MINIMAL EVIDENCE FOR PLANT–INSECT ASSOCIATIONS IN THE SOUTH ASH PASTURE FLORA, MIDDLE PERMIAN OF NORTH-CENTRAL TEXAS
Of the 925 leaves evaluated for insect damage, only 3.6% displayed evidence of insect herbivory or oviposition. This herbivory was partitioned into five insect functional feeding groups on SAP leaves: margin feeding, hole feeding, piercing and sucking, skeletonization and galling. Two instances of oviposition also are present in SAP leaves. The heaviest concentration of herbivory occurred on the large and small gigantopterid species where 35.7% and 20% of the leaves, respectively, exhibited at least one type of insect damage. Other forms of herbivory occurred on the strap-shaped conifer and large, parallel veined conifer, the latter of which had ten times more damage than the former.
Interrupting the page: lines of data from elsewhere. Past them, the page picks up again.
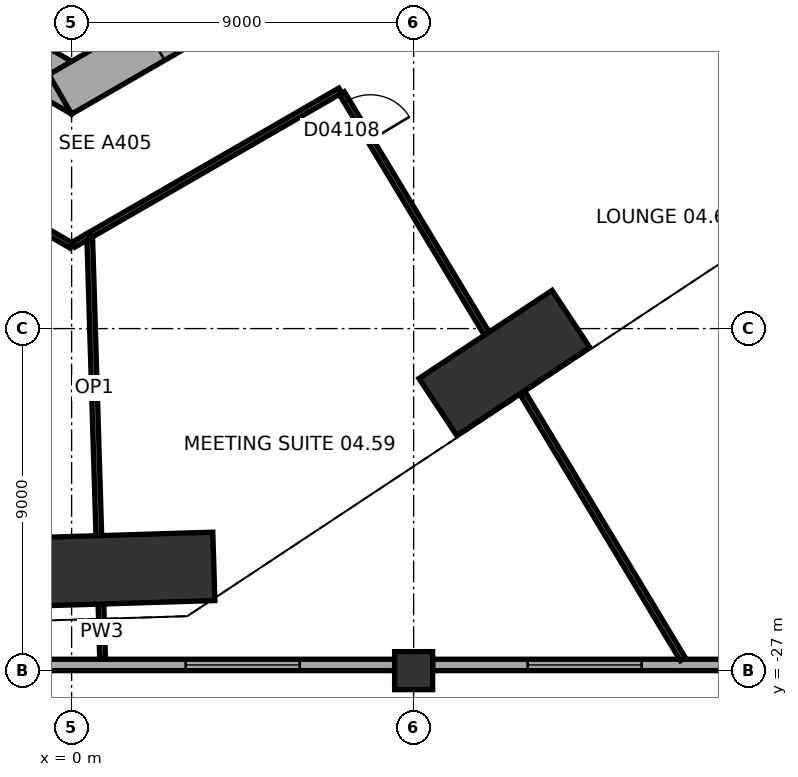
"""IFC4 building model, lengths in metres.
Left out: names, types, materials, properties, quantities, classifications, styles, units other than length and angle.
Written with IfcOpenShell. Run it as: python <this file> out.ifc"""

import sys

from ifc_helpers import new_model, si_unit, direction, frame, frame_2d, origin, origin_2d, place, context, subcontext, project, spatial, rectangle, extrude, element, fill, save


model = new_model("IFC4")
c1 = context("Model", 3, precision=1e-05, world=origin(), true_north=direction((0.0, 1.0)))
c2 = subcontext(c1, "Body", "Model", "MODEL_VIEW")
j1 = project(units=[si_unit("LENGTHUNIT", "METRE"), si_unit("PLANEANGLEUNIT", "RADIAN")], contexts=[c1])
p1 = place(None, origin())
s1 = spatial("IfcSite", under=j1, at=p1, CompositionType="ELEMENT")
p2 = place(p1, origin())
s2 = spatial("IfcBuilding", under=s1, at=p2, CompositionType="ELEMENT")
p3 = place(p2, frame((0.0, 0.0, 29.0)))
s3 = spatial("IfcBuildingStorey", under=s2, at=p3, CompositionType="ELEMENT", Elevation=29.0)
p4 = place(p3, frame((0.744, -24.348, 0.0), z_axis=(0.0, 0.0, 1.0), x_axis=(0.999533484231, 0.03054200224, 0.0)))
e1 = element("IfcColumn", 1, at=p4, inside=s3, PredefinedType="COLUMN", context=c2, shape_type="SweptSolid", body=[
    extrude(rectangle(XDim=6.0, YDim=1.8, at=origin_2d()), origin(), (0.0, 0.0, 1.0), 5.5),
])
p5 = place(p3, frame((11.389, -18.905, 0.0), z_axis=(0.0, 0.0, 1.0), x_axis=(0.833880042151, 0.551945717714, 0.0)))
e2 = element("IfcColumn", 2, at=p5, inside=s3, PredefinedType="COLUMN", context=c2, shape_type="SweptSolid", body=[
    extrude(rectangle(XDim=4.2, YDim=1.8, at=origin_2d()), origin(), (0.0, 0.0, 1.0), 5.5),
])
p6 = place(p3, frame((9.0, -27.0, 0.0), z_axis=(0.0, 0.0, 1.0), x_axis=(1.0, 0.0, 0.0)))
e3 = element("IfcColumn", 3, at=p6, inside=s3, PredefinedType="COLUMN", context=c2, shape_type="SweptSolid", body=[
    extrude(rectangle(XDim=1.0, YDim=1.0, at=origin_2d()), origin(), (0.0, 0.0, 1.0), 5.5),
])
p7 = place(p3, frame((-10.4, -5.658, 0.0), z_axis=(0.0, 0.0, 1.0), x_axis=(0.866021384402, -0.500006961711, 0.0)))
e4 = element("IfcWall", 4, at=p7, inside=s3, PredefinedType="SHEAR", context=c2, shape_type="SweptSolid", body=[
    extrude(rectangle(XDim=12.355, YDim=1.2, at=frame_2d((6.178, 0.0))), origin(), (0.0, 0.0, 1.0), 5.5),
])
p8 = place(p7, frame((6.378, 0.0, 0.0)))
e5 = element("IfcOpeningElement", 5, at=p8, cuts=e4, PredefinedType="OPENING", context=c2, shape_type="SweptSolid", body=[
    extrude(rectangle(XDim=1.5, YDim=2.1, at=frame_2d((0.75, 1.05))), frame((0.0, 0.61, 0.0), z_axis=(0.0, -1.0, 0.0), x_axis=(1.0, 0.0, 0.0)), (0.0, 0.0, 1.0), 1.22),
])
p9 = place(p7, frame((3.228, 0.0, 0.0)))
e6 = element("IfcOpeningElement", 6, at=p9, cuts=e4, PredefinedType="OPENING", context=c2, shape_type="SweptSolid", body=[
    extrude(rectangle(XDim=0.9, YDim=2.1, at=frame_2d((0.45, 1.05))), frame((0.0, 0.61, 0.0), z_axis=(0.0, -1.0, 0.0), x_axis=(1.0, 0.0, 0.0)), (0.0, 0.0, 1.0), 1.22),
])
p10 = place(p3, frame((-0.3, -11.836, 0.0), z_axis=(0.0, 0.0, 1.0), x_axis=(0.866021384402, 0.500006961711, 0.0)))
e7 = element("IfcWall", 7, at=p10, inside=s3, PredefinedType="SHEAR", context=c2, shape_type="SweptSolid", body=[
    extrude(rectangle(XDim=12.355, YDim=1.2, at=frame_2d((6.178, 0.0))), origin(), (0.0, 0.0, 1.0), 5.5),
])
p11 = place(p10, frame((2.828, 0.0, 0.0)))
e8 = element("IfcOpeningElement", 8, at=p11, cuts=e7, PredefinedType="OPENING", context=c2, shape_type="SweptSolid", body=[
    extrude(rectangle(XDim=0.9, YDim=2.1, at=frame_2d((0.45, 1.05))), frame((0.0, 0.61, 0.0), z_axis=(0.0, -1.0, 0.0), x_axis=(1.0, 0.0, 0.0)), (0.0, 0.0, 1.0), 1.22),
])
p12 = place(p10, frame((5.428, 0.0, 0.0)))
e9 = element("IfcOpeningElement", 9, at=p12, cuts=e7, PredefinedType="OPENING", context=c2, shape_type="SweptSolid", body=[
    extrude(rectangle(XDim=0.9, YDim=2.1, at=frame_2d((0.45, 1.05))), frame((0.0, 0.61, 0.0), z_axis=(0.0, -1.0, 0.0), x_axis=(1.0, 0.0, 0.0)), (0.0, 0.0, 1.0), 1.22),
])
p13 = place(p10, frame((7.928, 0.0, 0.0)))
e10 = element("IfcOpeningElement", 10, at=p13, cuts=e7, PredefinedType="OPENING", context=c2, shape_type="SweptSolid", body=[
    extrude(rectangle(XDim=1.1, YDim=2.1, at=frame_2d((0.55, 1.05))), frame((0.0, 0.61, 0.0), z_axis=(0.0, -1.0, 0.0), x_axis=(1.0, 0.0, 0.0)), (0.0, 0.0, 1.0), 1.22),
])
p14 = place(p3, frame((-8.5, -26.85, 0.0), z_axis=(0.0, 0.0, 1.0), x_axis=(1.0, 0.0, 0.0)))
e11 = element("IfcWall", 11, at=p14, inside=s3, PredefinedType="STANDARD", context=c2, shape_type="SweptSolid", body=[
    extrude(rectangle(XDim=17.0, YDim=0.3, at=frame_2d((8.5, 0.0))), origin(), (0.0, 0.0, 1.0), 3.95),
])
p15 = place(p14, frame((2.5, 0.0, 1.0)))
e12 = element("IfcOpeningElement", 12, at=p15, cuts=e11, PredefinedType="OPENING", context=c2, shape_type="SweptSolid", body=[
    extrude(rectangle(XDim=3.0, YDim=2.6, at=frame_2d((1.5, 1.3))), frame((0.0, 0.16, 0.0), z_axis=(0.0, -1.0, 0.0), x_axis=(1.0, 0.0, 0.0)), (0.0, 0.0, 1.0), 0.32),
])
p16 = place(p14, frame((11.5, 0.0, 1.0)))
e13 = element("IfcOpeningElement", 13, at=p16, cuts=e11, PredefinedType="OPENING", context=c2, shape_type="SweptSolid", body=[
    extrude(rectangle(XDim=3.0, YDim=2.6, at=frame_2d((1.5, 1.3))), frame((0.0, 0.16, 0.0), z_axis=(0.0, -1.0, 0.0), x_axis=(1.0, 0.0, 0.0)), (0.0, 0.0, 1.0), 0.32),
])
p17 = place(p3, frame((9.5, -26.85, 0.0), z_axis=(0.0, 0.0, 1.0), x_axis=(1.0, 0.0, 0.0)))
e14 = element("IfcWall", 14, at=p17, inside=s3, PredefinedType="STANDARD", context=c2, shape_type="SweptSolid", body=[
    extrude(rectangle(XDim=17.0, YDim=0.3, at=frame_2d((8.5, 0.0))), origin(), (0.0, 0.0, 1.0), 3.95),
])
p18 = place(p17, frame((2.5, 0.0, 1.0)))
e15 = element("IfcOpeningElement", 15, at=p18, cuts=e14, PredefinedType="OPENING", context=c2, shape_type="SweptSolid", body=[
    extrude(rectangle(XDim=3.0, YDim=2.6, at=frame_2d((1.5, 1.3))), frame((0.0, 0.16, 0.0), z_axis=(0.0, -1.0, 0.0), x_axis=(1.0, 0.0, 0.0)), (0.0, 0.0, 1.0), 0.32),
])
p19 = place(p17, frame((11.5, 0.0, 1.0)))
e16 = element("IfcOpeningElement", 16, at=p19, cuts=e14, PredefinedType="OPENING", context=c2, shape_type="SweptSolid", body=[
    extrude(rectangle(XDim=3.0, YDim=2.6, at=frame_2d((1.5, 1.3))), frame((0.0, 0.16, 0.0), z_axis=(0.0, -1.0, 0.0), x_axis=(1.0, 0.0, 0.0)), (0.0, 0.0, 1.0), 0.32),
])
p20 = place(p3, frame((0.771, -25.248, 0.0), z_axis=(0.0, 0.0, 1.0), x_axis=(0.030584206332, -0.99953219374, 0.0)))
e17 = element("IfcWall", 17, at=p20, inside=s3, PredefinedType="PARTITIONING", context=c2, shape_type="SweptSolid", body=[
    extrude(rectangle(XDim=1.453, YDim=0.15, at=frame_2d((0.727, 0.0))), origin(), (0.0, 0.0, 1.0), 5.15),
])
p21 = place(p3, frame((11.879, -19.719, 0.0), z_axis=(0.0, 0.0, 1.0), x_axis=(0.516054476578, -0.856555764212, 0.0)))
e18 = element("IfcWall", 18, at=p21, inside=s3, PredefinedType="PARTITIONING", context=c2, shape_type="SweptSolid", body=[
    extrude(rectangle(XDim=8.149, YDim=0.15, at=frame_2d((4.075, 0.0))), origin(), (0.0, 0.0, 1.0), 5.15),
])
p22 = place(p3, frame((10.924, -18.133, 0.0), z_axis=(0.0, 0.0, 1.0), x_axis=(-0.516035715917, 0.856567066784, 0.0)))
e19 = element("IfcWall", 19, at=p22, inside=s3, PredefinedType="PARTITIONING", context=c2, shape_type="SweptSolid", body=[
    extrude(rectangle(XDim=7.387, YDim=0.15, at=frame_2d((3.693, 0.0))), origin(), (0.0, 0.0, 1.0), 5.15),
])
p23 = place(p22, frame((5.937, 0.0, 0.0)))
e20 = element("IfcOpeningElement", 20, at=p23, cuts=e19, PredefinedType="OPENING", context=c2, shape_type="SweptSolid", body=[
    extrude(rectangle(XDim=1.2, YDim=2.1, at=frame_2d((0.6, 1.05))), frame((0.0, 0.085, 0.0), z_axis=(0.0, -1.0, 0.0), x_axis=(1.0, 0.0, 0.0)), (0.0, 0.0, 1.0), 0.17),
])
p24 = place(p3, frame((0.0, -15.82, 0.0), z_axis=(0.0, 0.0, 1.0), x_axis=(-0.866018019704, 0.500012789385, 0.0)))
e21 = element("IfcWall", 21, at=p24, inside=s3, PredefinedType="PARTITIONING", context=c2, shape_type="SweptSolid", body=[
    extrude(rectangle(XDim=7.327, YDim=0.15, at=frame_2d((3.664, 0.0))), origin(), (0.0, 0.0, 1.0), 5.15),
])
p25 = place(p24, frame((5.527, 0.0, 0.0)))
e22 = element("IfcOpeningElement", 22, at=p25, cuts=e21, PredefinedType="OPENING", context=c2, shape_type="SweptSolid", body=[
    extrude(rectangle(XDim=1.2, YDim=2.1, at=frame_2d((0.6, 1.05))), frame((0.0, 0.085, 0.0), z_axis=(0.0, -1.0, 0.0), x_axis=(1.0, 0.0, 0.0)), (0.0, 0.0, 1.0), 0.17),
])
p26 = place(p3, frame((0.479, -15.665, 0.0), z_axis=(0.0, 0.0, 1.0), x_axis=(0.030535907252, -0.999533670453, 0.0)))
e23 = element("IfcWall", 23, at=p26, inside=s3, PredefinedType="MOVABLE", context=c2, shape_type="SweptSolid", body=[
    extrude(rectangle(XDim=7.787, YDim=0.15, at=frame_2d((3.894, 0.0))), origin(), (0.0, 0.0, 1.0), 5.15),
])
p27 = place(p3, frame((0.475, -15.545, 0.0), z_axis=(0.0, 0.0, 1.0), x_axis=(0.866021168401, 0.500007335828, 0.0)))
e24 = element("IfcWall", 24, at=p27, inside=s3, PredefinedType="PARTITIONING", context=c2, shape_type="SweptSolid", body=[
    extrude(rectangle(XDim=7.616, YDim=0.15, at=frame_2d((3.808, 0.0))), origin(), (0.0, 0.0, 1.0), 5.15),
])
p28 = place(p3, frame((0.475, -15.545, 0.0), z_axis=(0.0, 0.0, 1.0), x_axis=(-0.865927594567, -0.50016937228, 0.0)))
e25 = element("IfcWall", 25, at=p28, inside=s3, PredefinedType="PARTITIONING", context=c2, shape_type="SweptSolid", body=[
    extrude(rectangle(XDim=0.489, YDim=0.15, at=frame_2d((0.244, 0.0))), origin(), (0.0, 0.0, 1.0), 5.15),
])
p29 = place(p16, origin())
e26 = element("IfcWindow", 26, at=p29, inside=s3, PartitioningType="SINGLE_PANEL", PredefinedType="WINDOW", context=c2, shape_type="SweptSolid", body=[
    extrude(rectangle(XDim=3.0, YDim=2.6, at=frame_2d((1.5, 1.3))), frame((0.0, 0.03, 0.0), z_axis=(0.0, -1.0, 0.0), x_axis=(1.0, 0.0, 0.0)), (0.0, 0.0, 1.0), 0.06),
])
fill(e13, e26)
p30 = place(p18, origin())
e27 = element("IfcWindow", 27, at=p30, inside=s3, PartitioningType="SINGLE_PANEL", PredefinedType="WINDOW", context=c2, shape_type="SweptSolid", body=[
    extrude(rectangle(XDim=3.0, YDim=2.6, at=frame_2d((1.5, 1.3))), frame((0.0, 0.03, 0.0), z_axis=(0.0, -1.0, 0.0), x_axis=(1.0, 0.0, 0.0)), (0.0, 0.0, 1.0), 0.06),
])
fill(e15, e27)
p31 = place(p23, origin())
e28 = element("IfcDoor", 28, at=p31, inside=s3, OperationType="SINGLE_SWING_LEFT", PredefinedType="DOOR", context=c2, shape_type="SweptSolid", body=[
    extrude(rectangle(XDim=1.2, YDim=2.1, at=frame_2d((0.6, 1.05))), frame((0.0, 0.025, 0.0), z_axis=(0.0, -1.0, 0.0), x_axis=(1.0, 0.0, 0.0)), (0.0, 0.0, 1.0), 0.05),
])
fill(e20, e28)
save(model, sys.argv[1])

The low frequency of herbivory is almost certainly a result of the low plant diversity. A general tendency toward aridity during the middle Permian likely caused a shift in plant composition, which in turn reduced levels of insect herbivory. The lack of specialized insect herbivory also supports a turnover pattern in regional floras. The difference in damage frequency between the two species of broadleaved conifer may be due to differences in quantitative and/or qualitative secondary defense chemicals, typically enhanced in arid-adapted plants. Another possibility is co-association of the large, broadleaved conifer with a particular herbivore component community. The coarse-grained sedimentary rock of the SAP Flora also could have contributed to the low occurrence of insect herbivory.